Another recent application of FISH is high-throughput analysis via tissue microarray (TMA). This technology takes advantage of multispecimen paraffin blocks constructed from up to 1000 0.6-mm neoplastic, non-neoplastic, and control tissue cores of interest. Therefore, hundreds of specimens can be simultaneously evaluated on a single slide using TMA-FISH, markedly increasing efficiency and reducing data acquisition time, probe, reagent, and storage space requirements. A recently popularized approach is to initially screen a small number of tumors with gene expression profiling and then verify the resulting candidate genes in a large number of tumors, utilizing TMA-immunohistochemistry and TMA-FISH [11, 12] . Recent TMA studies have shown excellent morphologic, antigenic, and genomic preservation with high levels of concordance compared to the traditional whole slide approach [12, 13, 14, 15, 16] . For gene amplifications, TMA-FISH is particularly appealing, since interpretations are rapid, typically requiring only seconds per tissue core. For aneusomies and deletions, manual signal counts still remain tedious and time consuming, though automated spot counting software is currently under development and promises to further increase the efficiency of this technique.

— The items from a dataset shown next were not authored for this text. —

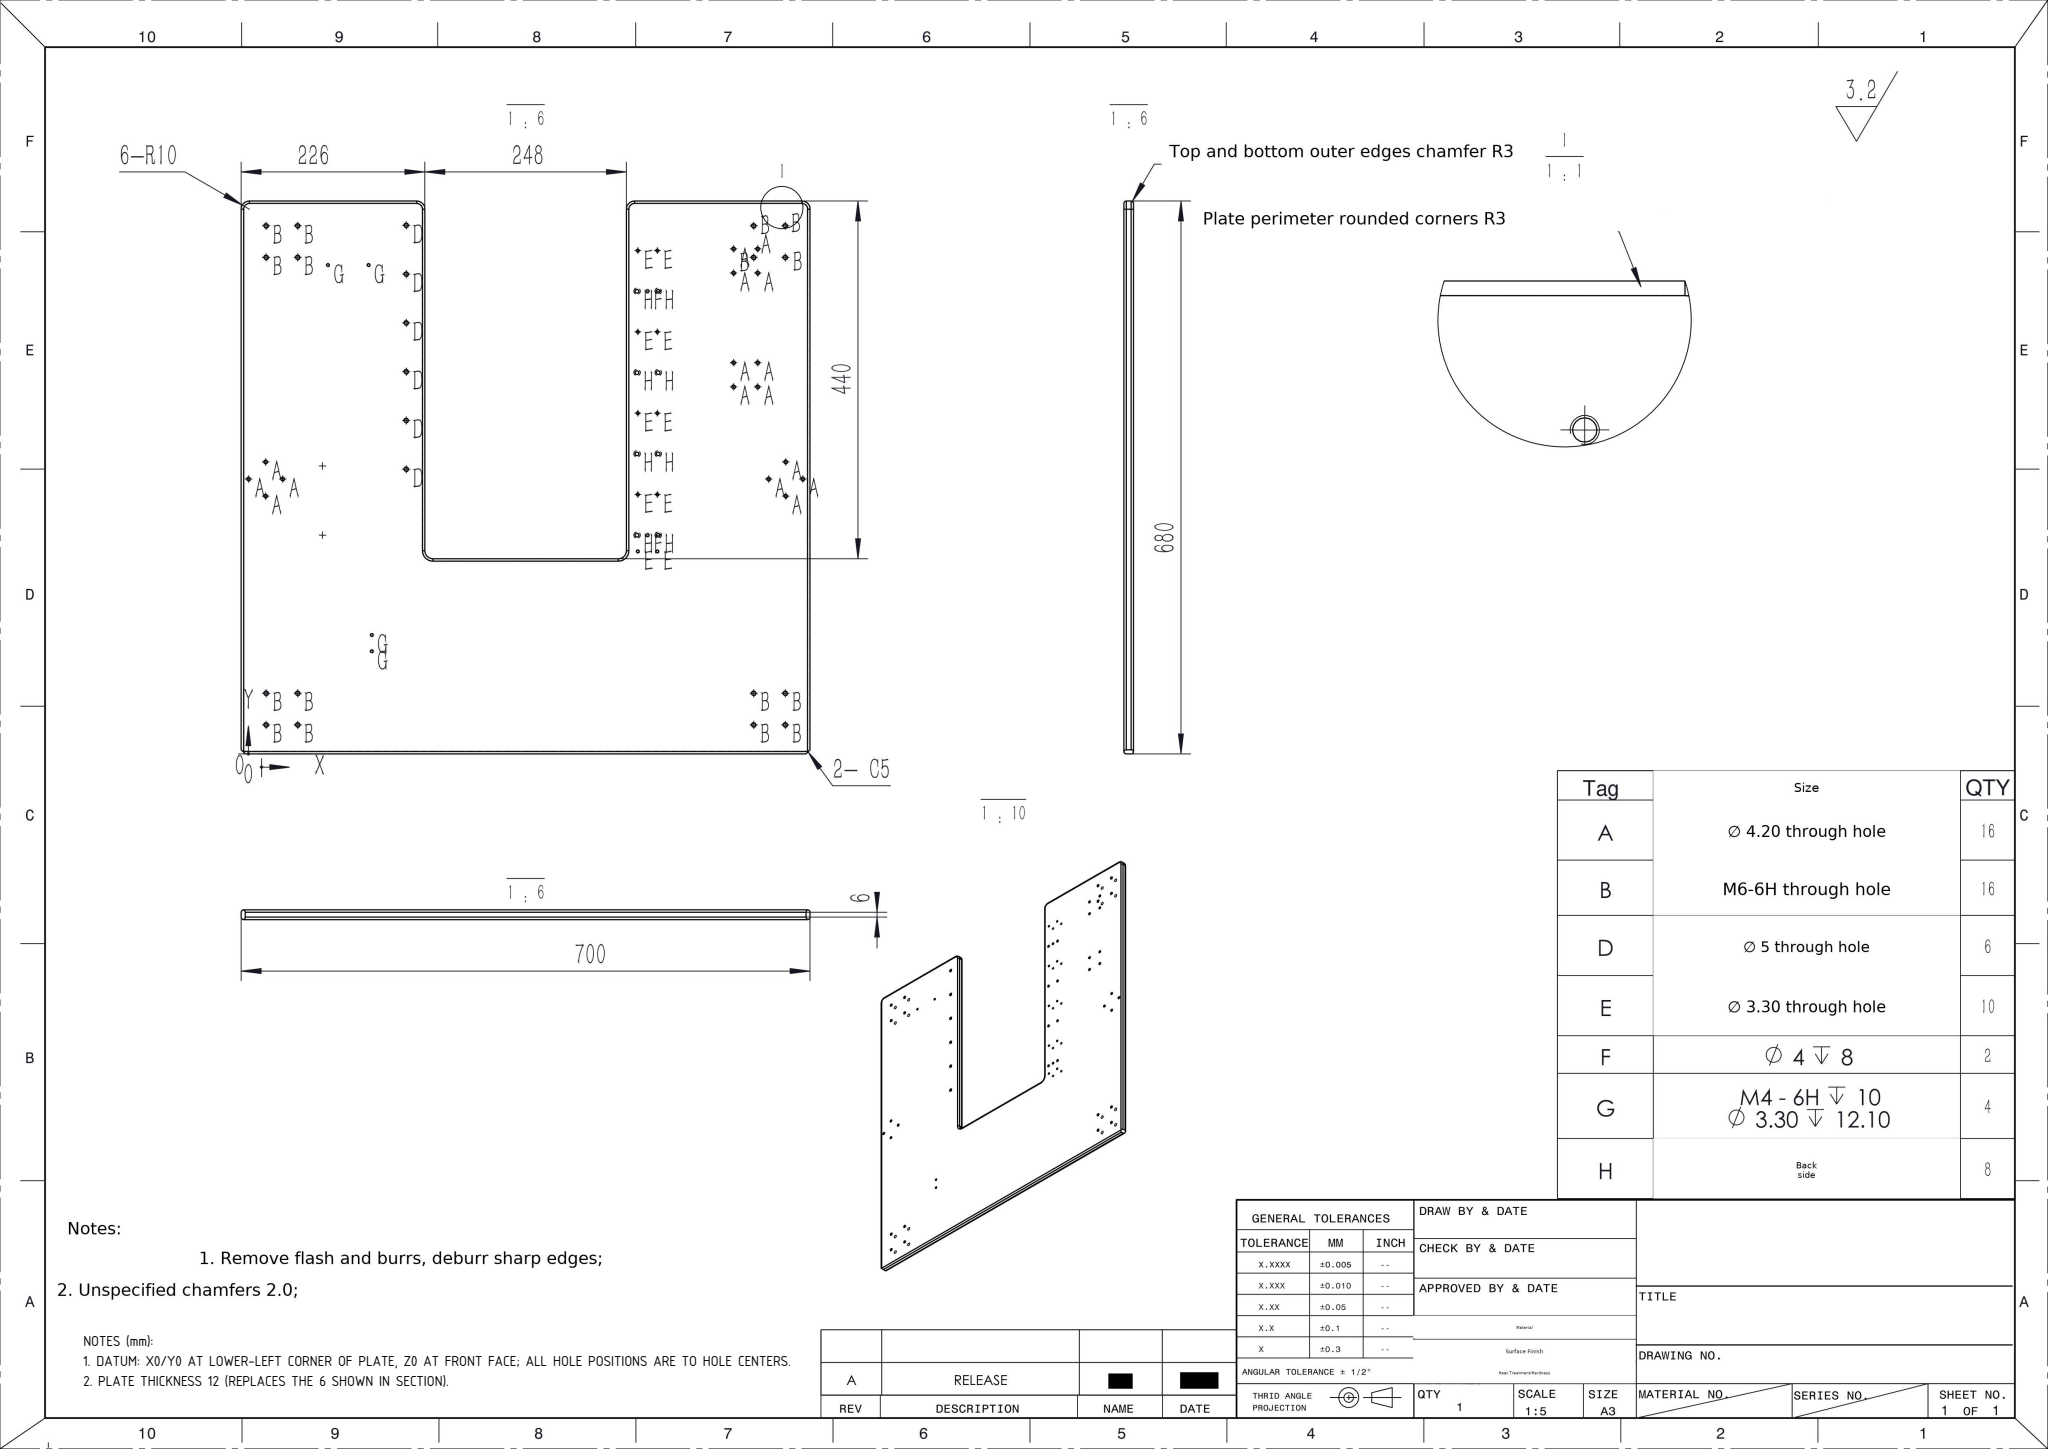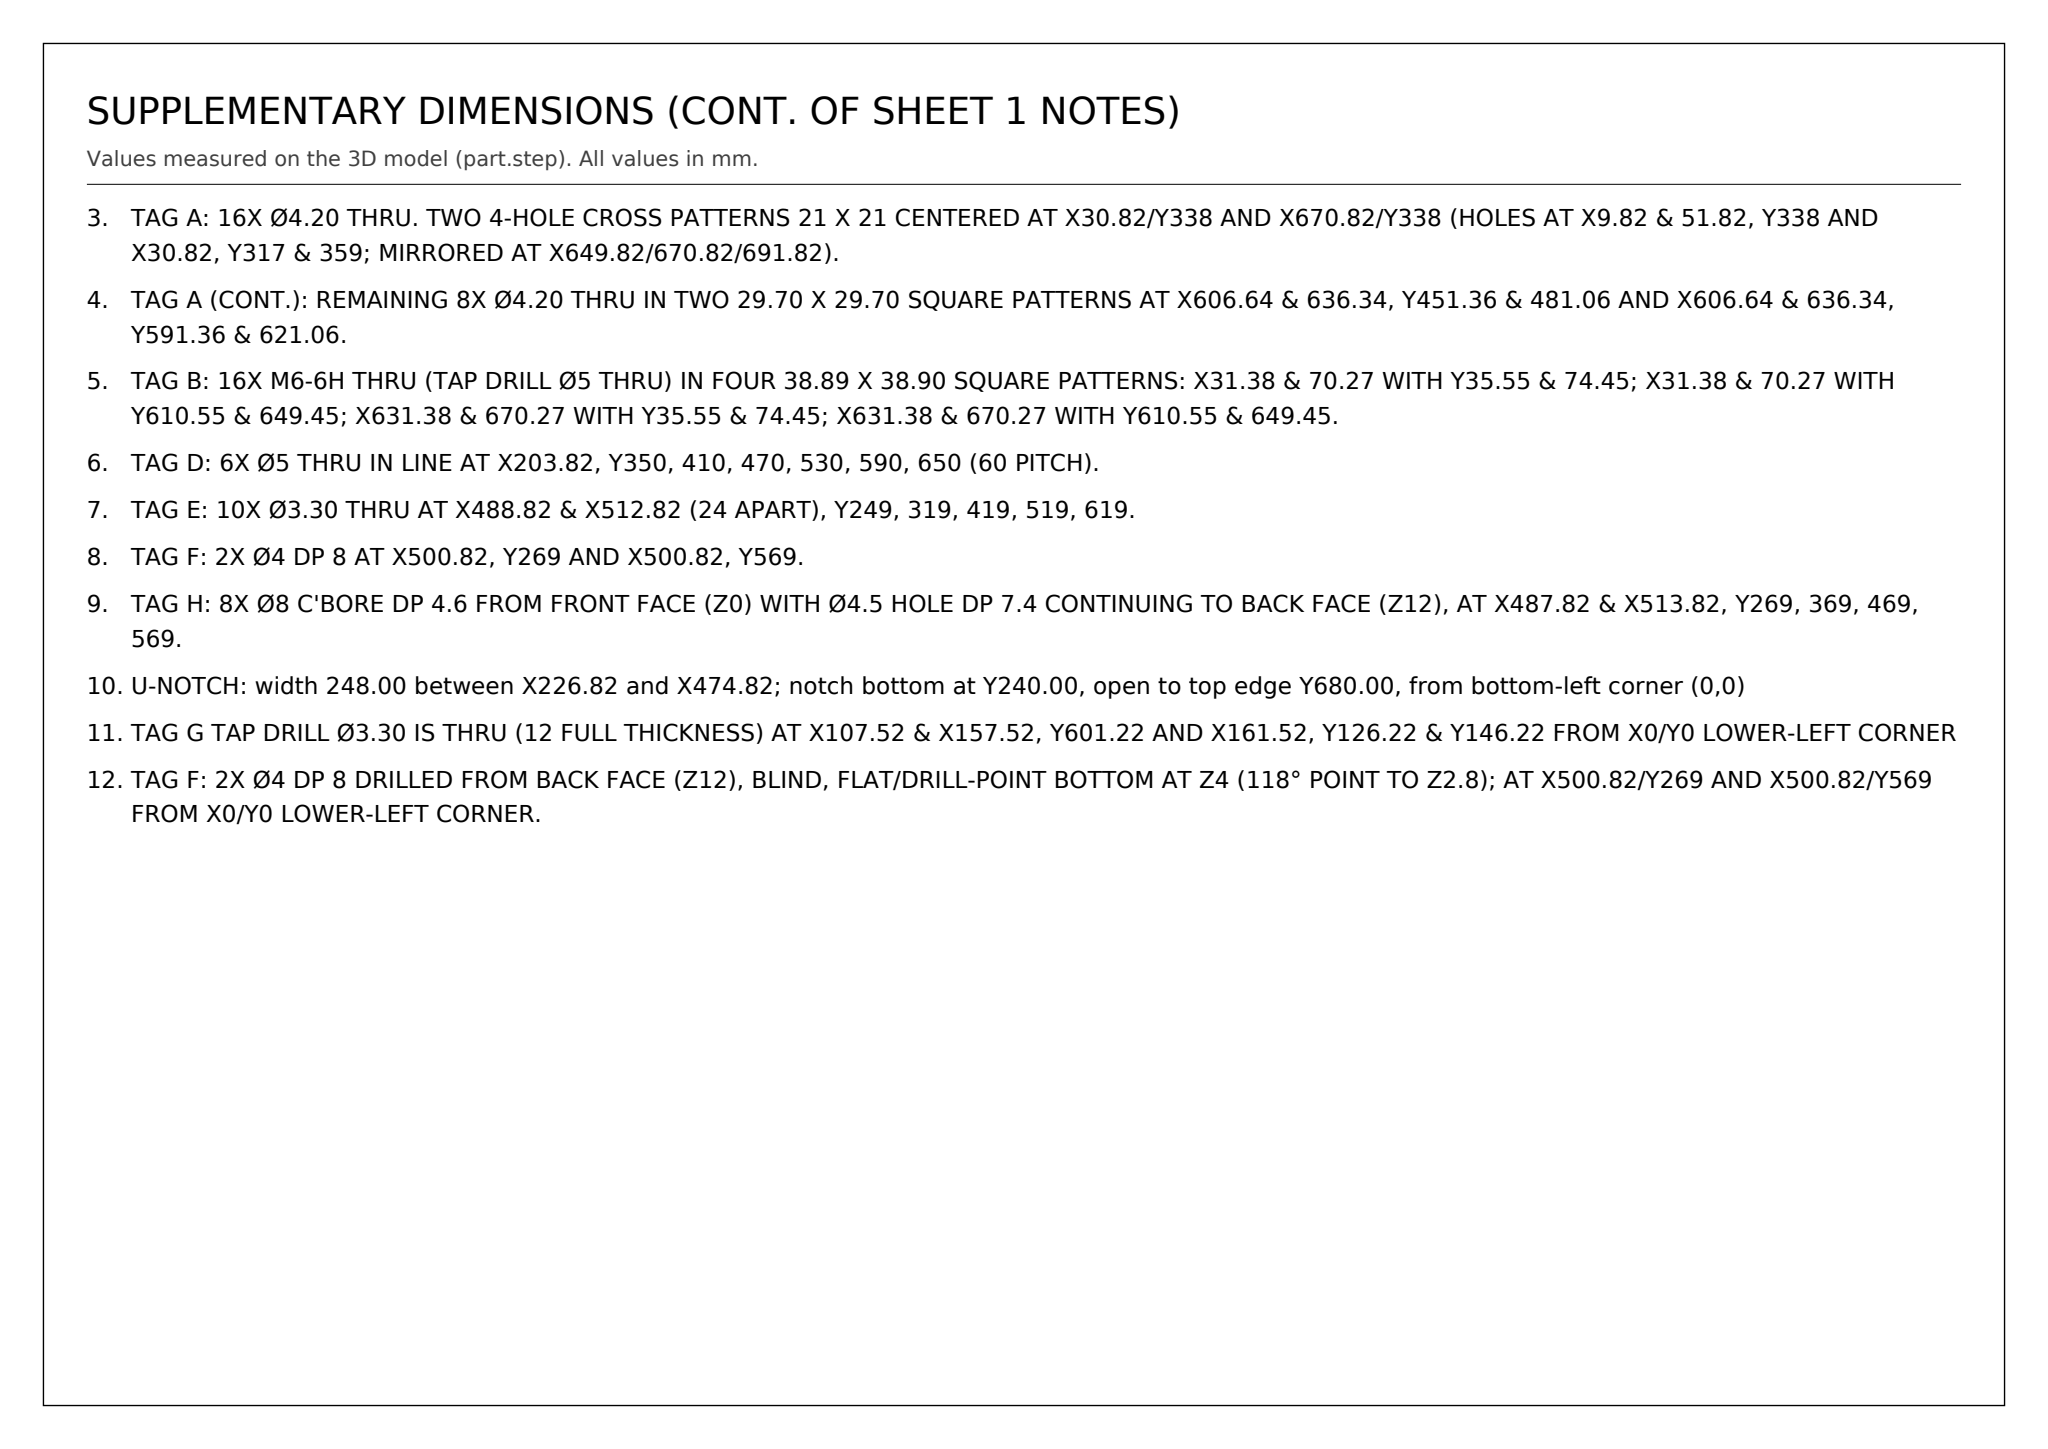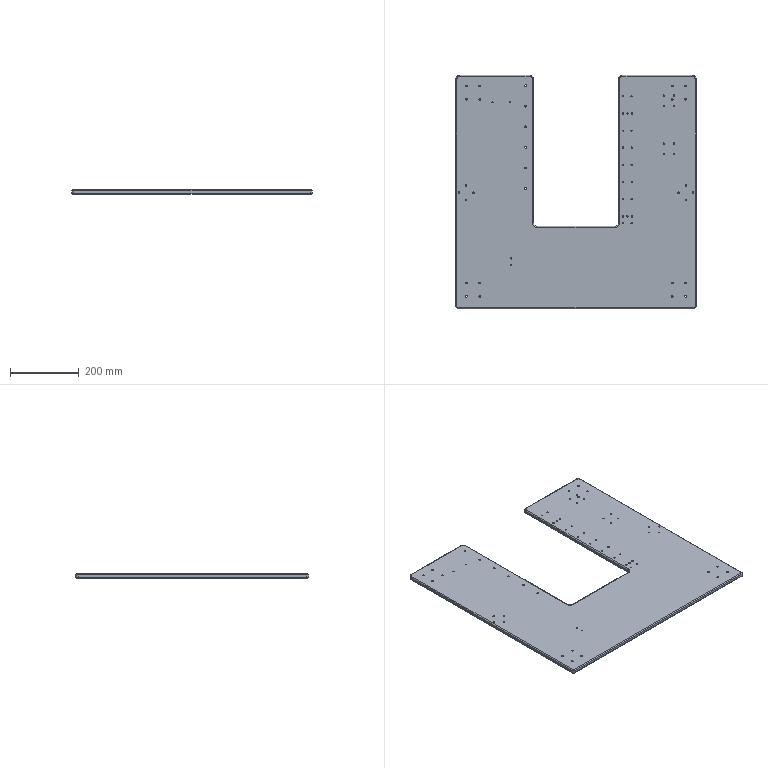Part | SolidWorks | mm | 1 solid | 198 faces | box 700 x 680 x 12 mm | volume 4375576 mm3 | cylinder 162 | plane 20 | torus 12 | cone 4 | commonest cylinder face diameters 5 x44 4.2 x32 3.3 x28 8 x16 4.5 x16 6 x16 20 x6 4 x4
Drawing notes:
DATUM: X0/Y0 AT LOWER-LEFT CORNER OF PLATE, Z0 AT FRONT FACE; ALL HOLE POSITIONS ARE TO HOLE CENTERS. | from the solid: origin_note: positions from min corner of bbox 701.648 x 680.824 x 12.0
PLATE THICKNESS 12 (REPLACES THE 6 SHOWN IN SECTION). | from the solid: bbox_xyz z = 12.0; all THRU cylinders length 12.0
TAG A: 16X Ø4.20 THRU. TWO 4-HOLE CROSS PATTERNS 21 X 21 CENTERED AT X30.82/Y338 AND X670.82/Y338 (HOLES AT X9.82 & 51.82, Y338 AND X30.82, Y317 & 359; MIRRORED AT X649.82/670.82/691.82). | from the solid: cylinders dia 4.2 z at (9.82,338),(30.82,317),(30.82,359),(51.82,338),(649.82,338),(670.82,317),(670.82,359),(691.82,338), length 12.0
TAG A (CONT.): REMAINING 8X Ø4.20 THRU IN TWO 29.70 X 29.70 SQUARE PATTERNS AT X606.64 & 636.34, Y451.36 & 481.06 AND X606.64 & 636.34, Y591.36 & 621.06. | from the solid: cylinders dia 4.2 z at (606.64/636.34, 451.36/481.06) and (606.64/636.34, 591.36/621.06), length 12.0
TAG B: 16X M6-6H THRU (TAP DRILL Ø5 THRU) IN FOUR 38.89 X 38.90 SQUARE PATTERNS: X31.38 & 70.27 WITH Y35.55 & 74.45; X31.38 & 70.27 WITH Y610.55 & 649.45; X631.38 & 670.27 WITH Y35.55 & 74.45; X631.38 & 670.27 WITH Y610.55 & 649.45. | from the solid: cylinders dia 5.0 z at x 31.38/70.27/631.38/670.27 with y 35.55/74.45/610.55/649.45, length 12.0
TAG D: 6X Ø5 THRU IN LINE AT X203.82, Y350, 410, 470, 530, 590, 650 (60 PITCH). | from the solid: cylinders dia 5.0 z at (203.82, 350/410/470/530/590/650), length 12.0
TAG E: 10X Ø3.30 THRU AT X488.82 & X512.82 (24 APART), Y249, 319, 419, 519, 619. | from the solid: cylinders dia 3.3 z at (488.82 and 512.82, y 249/319/419/519/619), length 12.0
TAG F: 2X Ø4 DP 8 AT X500.82, Y269 AND X500.82, Y569. | from the solid: cylinders dia 4.0 z at (500.82,269) and (500.82,569), length 8.0
TAG H: 8X Ø8 C'BORE DP 4.6 FROM FRONT FACE (Z0) WITH Ø4.5 HOLE DP 7.4 CONTINUING TO BACK FACE (Z12), AT X487.82 & X513.82, Y269, 369, 469, 569. | from the solid: Flat c'bore bottoms at z=4.6 over X483.8-491.8 and X509.8-517.8 with Y265-273/365-373/465-473/565-573 (8 places, 8x8 => Ø8, open at z0 front face); Ø4.5 cylinders at X487.8 & 513.8, Y269/369/469/569 run from z=4.6 to z=12.0 (7.4 deep).
U-NOTCH: width 248.00 between X226.82 and X474.82; notch bottom at Y240.00, open to top edge Y680.00, from bottom-left corner (0,0) | from the solid: axis_planes x 226.82 and 474.82; y 240.0 and y 680.0
TAG G TAP DRILL Ø3.30 IS THRU (12 FULL THICKNESS) AT X107.52 & X157.52, Y601.22 AND X161.52, Y126.22 & Y146.22 FROM X0/Y0 LOWER-LEFT CORNER | from the solid: cylinders dia 3.3 axis z length 12.0 at (107.52,601.22),(157.52,601.22),(161.52,126.22),(161.52,146.22)
TAG F: 2X Ø4 DP 8 DRILLED FROM BACK FACE (Z12), BLIND, FLAT/DRILL-POINT BOTTOM AT Z4 (118° POINT TO Z2.8); AT X500.82/Y269 AND X500.82/Y569 FROM X0/Y0 LOWER-LEFT CORNER. | from the solid: cylinders: hole/bore dia 4.0 axis z at (500.8,269.0) and (500.8,569.0) from 4.0 to 12.0 (part thickness 12, Z0 = front face); cones 118° ref dia 4.0 bbox_from z 2.8

Recent technical advances have greatly enhanced the applicability of FISH. However, a number of limitations remain. One of the main disadvantages of FISH as a clinical tool is signal fading. By storing hybridized slides in a freezer and avoiding prolonged exposure to light, hybridization signals remain visible for up to a year or longer. However, a permanent record is not currently possible, unless chromogenic detection is used. Unfortunately, multicolor CISH is not as simple as multicolor FISH and currently available chromogens lack the spectral versatility, sensitivity and spatial resolution attainable with fluorochromes. Some are currently working on alternatives by developing non-fading fluorochromes (e.g. Bobrow MN and Roth KA; US patent pending) or improved protocols for multicolor CISH [17]. Alternatively, software solutions now make it possible to archive high volume FISH results through digital imaging.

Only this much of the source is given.